Ad oggi, però, come si nota dalla diversa rilevanza (a livello assiologico, ovvero riguardante il valore) che viene attribuita alle due forme di sapere, sembra che le cose non stiano così. Viviamo in un’epoca in cui la scienza e la tecnica troneggiano, dando poco, e a volte nessun valore alla filosofia che non ha, secondo diversi scienziati, motivo di esistere in virtù della “superiorità” del sapere scientifico. Saremo in grado di intenderci a vicenda? Saremo in grado di sviluppare una visione d’insieme? Questo non vuol dire in alcun modo far diventare lo scienziato filosofo ed il filosofo scienziato. Vuol dire vedere in che modo i due possano relazionarsi, come possano occuparsi della stessa cosa, ovvero della natura, seppur in modo diverso. Sapremo stabilire questo fecondo rapporto di coordinazione ciclica, rendendo grandi sia filosofia che scienza?

  1. Parmenide. Frammenti 2-3 D.K. (rielaborazione).

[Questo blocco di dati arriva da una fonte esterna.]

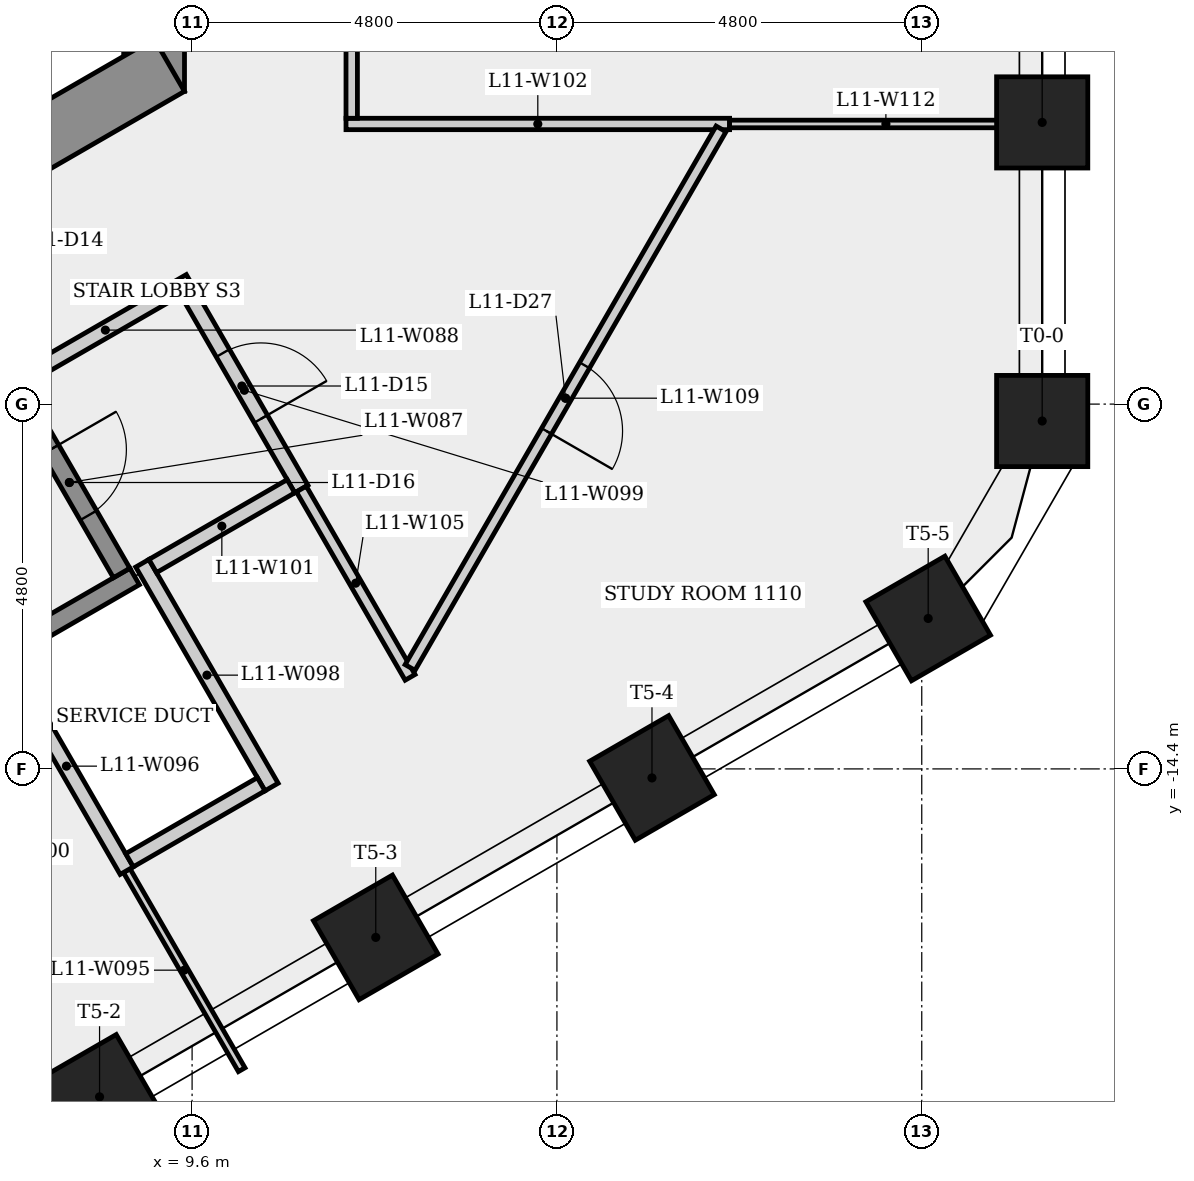
"""IFC4 building model, lengths in metres.
Left out: names, types, materials, properties, quantities, classifications, styles, units other than length and angle.
Written with IfcOpenShell. Run it as: python <this file> out.ifc"""

import sys

from ifc_helpers import new_model, si_unit, direction, frame, frame_2d, origin, origin_2d, place, context, subcontext, project, spatial, rectangle, extrude, element, fill, save


model = new_model("IFC4")
c1 = context("Model", 3, precision=1e-05, world=origin(), true_north=direction((0.0, 1.0)))
c2 = subcontext(c1, "Body", "Model", "MODEL_VIEW")
j1 = project(units=[si_unit("LENGTHUNIT", "METRE"), si_unit("PLANEANGLEUNIT", "RADIAN")], contexts=[c1])
p1 = place(None, origin())
s1 = spatial("IfcSite", under=j1, at=p1, CompositionType="ELEMENT")
p2 = place(p1, origin())
s2 = spatial("IfcBuilding", under=s1, at=p2, CompositionType="ELEMENT")
p3 = place(p2, frame((0.0, 0.0, 45.9)))
s3 = spatial("IfcBuildingStorey", under=s2, at=p3, CompositionType="ELEMENT", Elevation=45.9)
p4 = place(p3, frame((9.1, -5.485, 0.0), z_axis=(0.0, 0.0, 1.0), x_axis=(0.0, 1.0, 0.0)))
e1 = element("IfcWall", 1, at=p4, inside=s3, PredefinedType="SHEAR", context=c2, shape_type="SweptSolid", body=[
    extrude(rectangle(XDim=10.97, YDim=0.8, at=frame_2d((5.485, 0.0))), origin(), (0.0, 0.0, 1.0), 3.4),
])
p5 = place(p4, frame((4.685, 0.0, 0.0)))
e2 = element("IfcOpeningElement", 2, at=p5, cuts=e1, PredefinedType="OPENING", context=c2, shape_type="SweptSolid", body=[
    extrude(rectangle(XDim=1.6, YDim=2.1, at=frame_2d((0.8, 1.05))), frame((0.0, 0.41, 0.0), z_axis=(0.0, -1.0, 0.0), x_axis=(1.0, 0.0, 0.0)), (0.0, 0.0, 1.0), 0.82),
])
p6 = place(p3, frame((-0.2, -10.623, 0.0), z_axis=(0.0, 0.0, 1.0), x_axis=(0.866023993627, 0.500002442456, 0.0)))
e3 = element("IfcWall", 3, at=p6, inside=s3, PredefinedType="SHEAR", context=c2, shape_type="SweptSolid", body=[
    extrude(rectangle(XDim=10.97, YDim=0.8, at=frame_2d((5.485, 0.0))), origin(), (0.0, 0.0, 1.0), 3.4),
])
p7 = place(p6, frame((7.108, 0.0, 0.0)))
e4 = element("IfcOpeningElement", 4, at=p7, cuts=e3, PredefinedType="OPENING", context=c2, shape_type="SweptSolid", body=[
    extrude(rectangle(XDim=0.9, YDim=2.1, at=frame_2d((0.45, 1.05))), frame((0.0, 0.41, 0.0), z_axis=(0.0, -1.0, 0.0), x_axis=(1.0, 0.0, 0.0)), (0.0, 0.0, 1.0), 0.82),
])
for number, where, z_axis, x_axis in (
    (5, (20.785, -9.823, 0.0), (0.0, 0.0, 1.0), (1.0, 0.0, 0.0)),
    (6, (20.785, -5.894, 0.0), (0.0, 0.0, 1.0), (1.0, 0.0, 0.0)),
    (7, (8.382, -18.715, 0.0), (0.0, 0.0, 1.0), (0.5, -0.866, 0.0)),
    (8, (12.016, -16.617, 0.0), (0.0, 0.0, 1.0), (0.5, -0.866, 0.0)),
    (9, (15.651, -14.519, 0.0), (0.0, 0.0, 1.0), (0.5, -0.866, 0.0)),
    (10, (19.285, -12.421, 0.0), (0.0, 0.0, 1.0), (0.5, -0.866, 0.0)),
):
    element("IfcColumn", number, at=place(p3, frame(where, z_axis=z_axis, x_axis=x_axis)), inside=s3, PredefinedType="COLUMN", context=c2, shape_type="SweptSolid", body=[
        extrude(rectangle(XDim=1.2, YDim=1.2, at=origin_2d()), origin(), (0.0, 0.0, 1.0), 3.4),
    ])
p8 = place(p3, frame((3.301, -15.068, 0.0), z_axis=(0.0, 0.0, 1.0), x_axis=(0.866035036182, 0.499983315828, 0.0)))
e11 = element("IfcWall", 11, at=p8, inside=s3, PredefinedType="SHEAR", context=c2, shape_type="SweptSolid", body=[
    extrude(rectangle(XDim=6.4, YDim=0.25, at=frame_2d((3.2, 0.0))), origin(), (0.0, 0.0, 1.0), 3.05),
])
p9 = place(p3, frame((7.298, -9.441, 0.0), z_axis=(0.0, 0.0, 1.0), x_axis=(0.500034990121, -0.866005201286, 0.0)))
e12 = element("IfcWall", 12, at=p9, inside=s3, PredefinedType="SHEAR", context=c2, shape_type="SweptSolid", body=[
    extrude(rectangle(XDim=2.75, YDim=0.25, at=frame_2d((1.375, 0.0))), origin(), (0.0, 0.0, 1.0), 3.05),
])
p10 = place(p9, frame((0.875, 0.0, 0.0)))
e13 = element("IfcOpeningElement", 13, at=p10, cuts=e12, PredefinedType="OPENING", context=c2, shape_type="SweptSolid", body=[
    extrude(rectangle(XDim=1.0, YDim=2.1, at=frame_2d((0.5, 1.05))), frame((0.0, 0.135, 0.0), z_axis=(0.0, -1.0, 0.0), x_axis=(1.0, 0.0, 0.0)), (0.0, 0.0, 1.0), 0.27),
])
p11 = place(p3, frame((7.344, -9.27, 0.0), z_axis=(0.0, 0.0, 1.0), x_axis=(0.866005588531, 0.500034319456, 0.0)))
e14 = element("IfcWall", 14, at=p11, inside=s3, PredefinedType="PARTITIONING", context=c2, shape_type="SweptSolid", body=[
    extrude(rectangle(XDim=2.575, YDim=0.2, at=frame_2d((1.288, 0.0))), origin(), (0.0, 0.0, 1.0), 3.05),
])
p12 = place(p3, frame((8.74, -15.738, 0.0), z_axis=(0.0, 0.0, 1.0), x_axis=(0.500001913541, -0.866024298998, 0.0)))
e15 = element("IfcWall", 15, at=p12, inside=s3, PredefinedType="PARTITIONING", context=c2, shape_type="SweptSolid", body=[
    extrude(rectangle(XDim=3.025, YDim=0.1, at=frame_2d((1.512, 0.0))), origin(), (0.0, 0.0, 1.0), 3.05),
])
p13 = place(p3, frame((8.74, -15.739, 0.0), z_axis=(0.0, 0.0, 1.0), x_axis=(-0.500017526161, 0.866015284814, 0.0)))
e16 = element("IfcWall", 16, at=p13, inside=s3, PredefinedType="PLUMBINGWALL", context=c2, shape_type="SweptSolid", body=[
    extrude(rectangle(XDim=3.175, YDim=0.2, at=frame_2d((1.588, 0.0))), origin(), (0.0, 0.0, 1.0), 3.05),
])
p14 = place(p3, frame((8.945, -11.694, 0.0), z_axis=(0.0, 0.0, 1.0), x_axis=(0.500062241894, -0.865989465428, 0.0)))
e17 = element("IfcWall", 17, at=p14, inside=s3, PredefinedType="PLUMBINGWALL", context=c2, shape_type="SweptSolid", body=[
    extrude(rectangle(XDim=3.4, YDim=0.2, at=frame_2d((1.7, 0.0))), origin(), (0.0, 0.0, 1.0), 3.05),
])
p15 = place(p3, frame((9.537, -8.119, 0.0), z_axis=(0.0, 0.0, 1.0), x_axis=(0.499990139034, -0.866031096941, 0.0)))
e18 = element("IfcWall", 18, at=p15, inside=s3, PredefinedType="PARTITIONING", context=c2, shape_type="SweptSolid", body=[
    extrude(rectangle(XDim=3.0, YDim=0.2, at=frame_2d((1.5, 0.0))), origin(), (0.0, 0.0, 1.0), 3.05),
])
p16 = place(p15, frame((0.935, 0.0, 0.0)))
e19 = element("IfcOpeningElement", 19, at=p16, cuts=e18, PredefinedType="OPENING", context=c2, shape_type="SweptSolid", body=[
    extrude(rectangle(XDim=1.0, YDim=2.1, at=frame_2d((0.5, 1.05))), frame((0.0, 0.11, 0.0), z_axis=(0.0, -1.0, 0.0), x_axis=(1.0, 0.0, 0.0)), (0.0, 0.0, 1.0), 0.22),
])
p17 = place(p3, frame((10.509, -14.602, 0.0), z_axis=(0.0, 0.0, 1.0), x_axis=(-0.866010750942, -0.50002537861, 0.0)))
e20 = element("IfcWall", 20, at=p17, inside=s3, PredefinedType="PLUMBINGWALL", context=c2, shape_type="SweptSolid", body=[
    extrude(rectangle(XDim=2.0, YDim=0.2, at=frame_2d((1.0, 0.0))), origin(), (0.0, 0.0, 1.0), 3.05),
])
p18 = place(p3, frame((10.901, -10.681, 0.0), z_axis=(0.0, 0.0, 1.0), x_axis=(-0.866009402589, -0.500027713859, 0.0)))
e21 = element("IfcWall", 21, at=p18, inside=s3, PredefinedType="PARTITIONING", context=c2, shape_type="SweptSolid", body=[
    extrude(rectangle(XDim=2.1, YDim=0.2, at=frame_2d((1.05, 0.0))), origin(), (0.0, 0.0, 1.0), 3.05),
])
p19 = place(p3, frame((11.625, -5.914, 0.0), z_axis=(0.0, 0.0, 1.0), x_axis=(1.0, 0.0, 0.0)))
e22 = element("IfcWall", 22, at=p19, inside=s3, PredefinedType="PARTITIONING", context=c2, shape_type="SweptSolid", body=[
    extrude(rectangle(XDim=5.047, YDim=0.15, at=frame_2d((2.523, 0.0))), origin(), (0.0, 0.0, 1.0), 3.05),
])
p20 = place(p3, frame((11.7, 5.914, 0.0), z_axis=(0.0, 0.0, 1.0), x_axis=(0.0, -1.0, 0.0)))
e23 = element("IfcWall", 23, at=p20, inside=s3, PredefinedType="PARTITIONING", context=c2, shape_type="SweptSolid", body=[
    extrude(rectangle(XDim=11.753, YDim=0.15, at=frame_2d((5.877, 0.0))), origin(), (0.0, 0.0, 1.0), 3.05),
])
p21 = place(p20, frame((5.377, 0.0, 0.0)))
e24 = element("IfcOpeningElement", 24, at=p21, cuts=e23, PredefinedType="OPENING", context=c2, shape_type="SweptSolid", body=[
    extrude(rectangle(XDim=1.0, YDim=2.1, at=frame_2d((0.5, 1.05))), frame((0.0, 0.085, 0.0), z_axis=(0.0, -1.0, 0.0), x_axis=(1.0, 0.0, 0.0)), (0.0, 0.0, 1.0), 0.17),
])
p22 = place(p3, frame((12.468, -13.195, 0.0), z_axis=(0.0, 0.0, 1.0), x_axis=(-0.499956322556, 0.8660506195, 0.0)))
e25 = element("IfcWall", 25, at=p22, inside=s3, PredefinedType="PARTITIONING", context=c2, shape_type="SweptSolid", body=[
    extrude(rectangle(XDim=2.862, YDim=0.15, at=frame_2d((1.431, 0.0))), origin(), (0.0, 0.0, 1.0), 3.05),
])
p23 = place(p3, frame((16.559, -5.979, 0.0), z_axis=(0.0, 0.0, 1.0), x_axis=(-0.499996220184, -0.866027586051, 0.0)))
e26 = element("IfcWall", 26, at=p23, inside=s3, PredefinedType="PARTITIONING", context=c2, shape_type="SweptSolid", body=[
    extrude(rectangle(XDim=8.183, YDim=0.15, at=frame_2d((4.091, 0.0))), origin(), (0.0, 0.0, 1.0), 3.05),
])
p24 = place(p23, frame((3.591, 0.0, 0.0)))
e27 = element("IfcOpeningElement", 27, at=p24, cuts=e26, PredefinedType="OPENING", context=c2, shape_type="SweptSolid", body=[
    extrude(rectangle(XDim=1.0, YDim=2.1, at=frame_2d((0.5, 1.05))), frame((0.0, 0.085, 0.0), z_axis=(0.0, -1.0, 0.0), x_axis=(1.0, 0.0, 0.0)), (0.0, 0.0, 1.0), 0.17),
])
p25 = place(p3, frame((20.785, -5.914, 0.0), z_axis=(0.0, 0.0, 1.0), x_axis=(-1.0, 0.0, 0.0)))
e28 = element("IfcWall", 28, at=p25, inside=s3, PredefinedType="PARTITIONING", context=c2, shape_type="SweptSolid", body=[
    extrude(rectangle(XDim=4.113, YDim=0.1, at=frame_2d((2.057, 0.0))), origin(), (0.0, 0.0, 1.0), 3.05),
])
p26 = place(p16, origin())
e29 = element("IfcDoor", 29, at=p26, inside=s3, OperationType="SINGLE_SWING_RIGHT", PredefinedType="DOOR", context=c2, shape_type="SweptSolid", body=[
    extrude(rectangle(XDim=1.0, YDim=2.1, at=frame_2d((0.5, 1.05))), frame((0.0, 0.025, 0.0), z_axis=(0.0, -1.0, 0.0), x_axis=(1.0, 0.0, 0.0)), (0.0, 0.0, 1.0), 0.05),
])
fill(e19, e29)
p27 = place(p10, origin())
e30 = element("IfcDoor", 30, at=p27, inside=s3, OperationType="SINGLE_SWING_LEFT", PredefinedType="DOOR", context=c2, shape_type="SweptSolid", body=[
    extrude(rectangle(XDim=1.0, YDim=2.1, at=frame_2d((0.5, 1.05))), frame((0.0, 0.025, 0.0), z_axis=(0.0, -1.0, 0.0), x_axis=(1.0, 0.0, 0.0)), (0.0, 0.0, 1.0), 0.05),
])
fill(e13, e30)
p28 = place(p24, origin())
e31 = element("IfcDoor", 31, at=p28, inside=s3, OperationType="SINGLE_SWING_RIGHT", PredefinedType="DOOR", context=c2, shape_type="SweptSolid", body=[
    extrude(rectangle(XDim=1.0, YDim=2.1, at=frame_2d((0.5, 1.05))), frame((0.0, 0.025, 0.0), z_axis=(0.0, -1.0, 0.0), x_axis=(1.0, 0.0, 0.0)), (0.0, 0.0, 1.0), 0.05),
])
fill(e27, e31)
save(model, sys.argv[1])

  2. Nell’occasione di una riunione della British Association for the Advancement of Science.
  3. Riguardano soprattutto la comunicazione tra gli scienziati, alla quale si è cercato di far fronte attraverso conferenze e congressi.
  4. La scienza non parte dalle scoperte per formulare nuove teorie. Al momento dell’esperimento lo scienziato ha già in mente qualcosa che vuole verificare con risultati sperimentali. La scienza non va avanti per mezzo dell’induzione empirica, ma per mezzo del verificazionismo: si elabora una teoria (prima della sperimentazione) cercando, quindi, di verificarla con gli esperimenti: non si potrà arrivare alla verità assoluta, ma solamente molto probabile in base al numero di esperimenti che verificano la nostra teoria. Attenzione, basta anche un singolo esperimento discordante dalla teoria per falsificarla.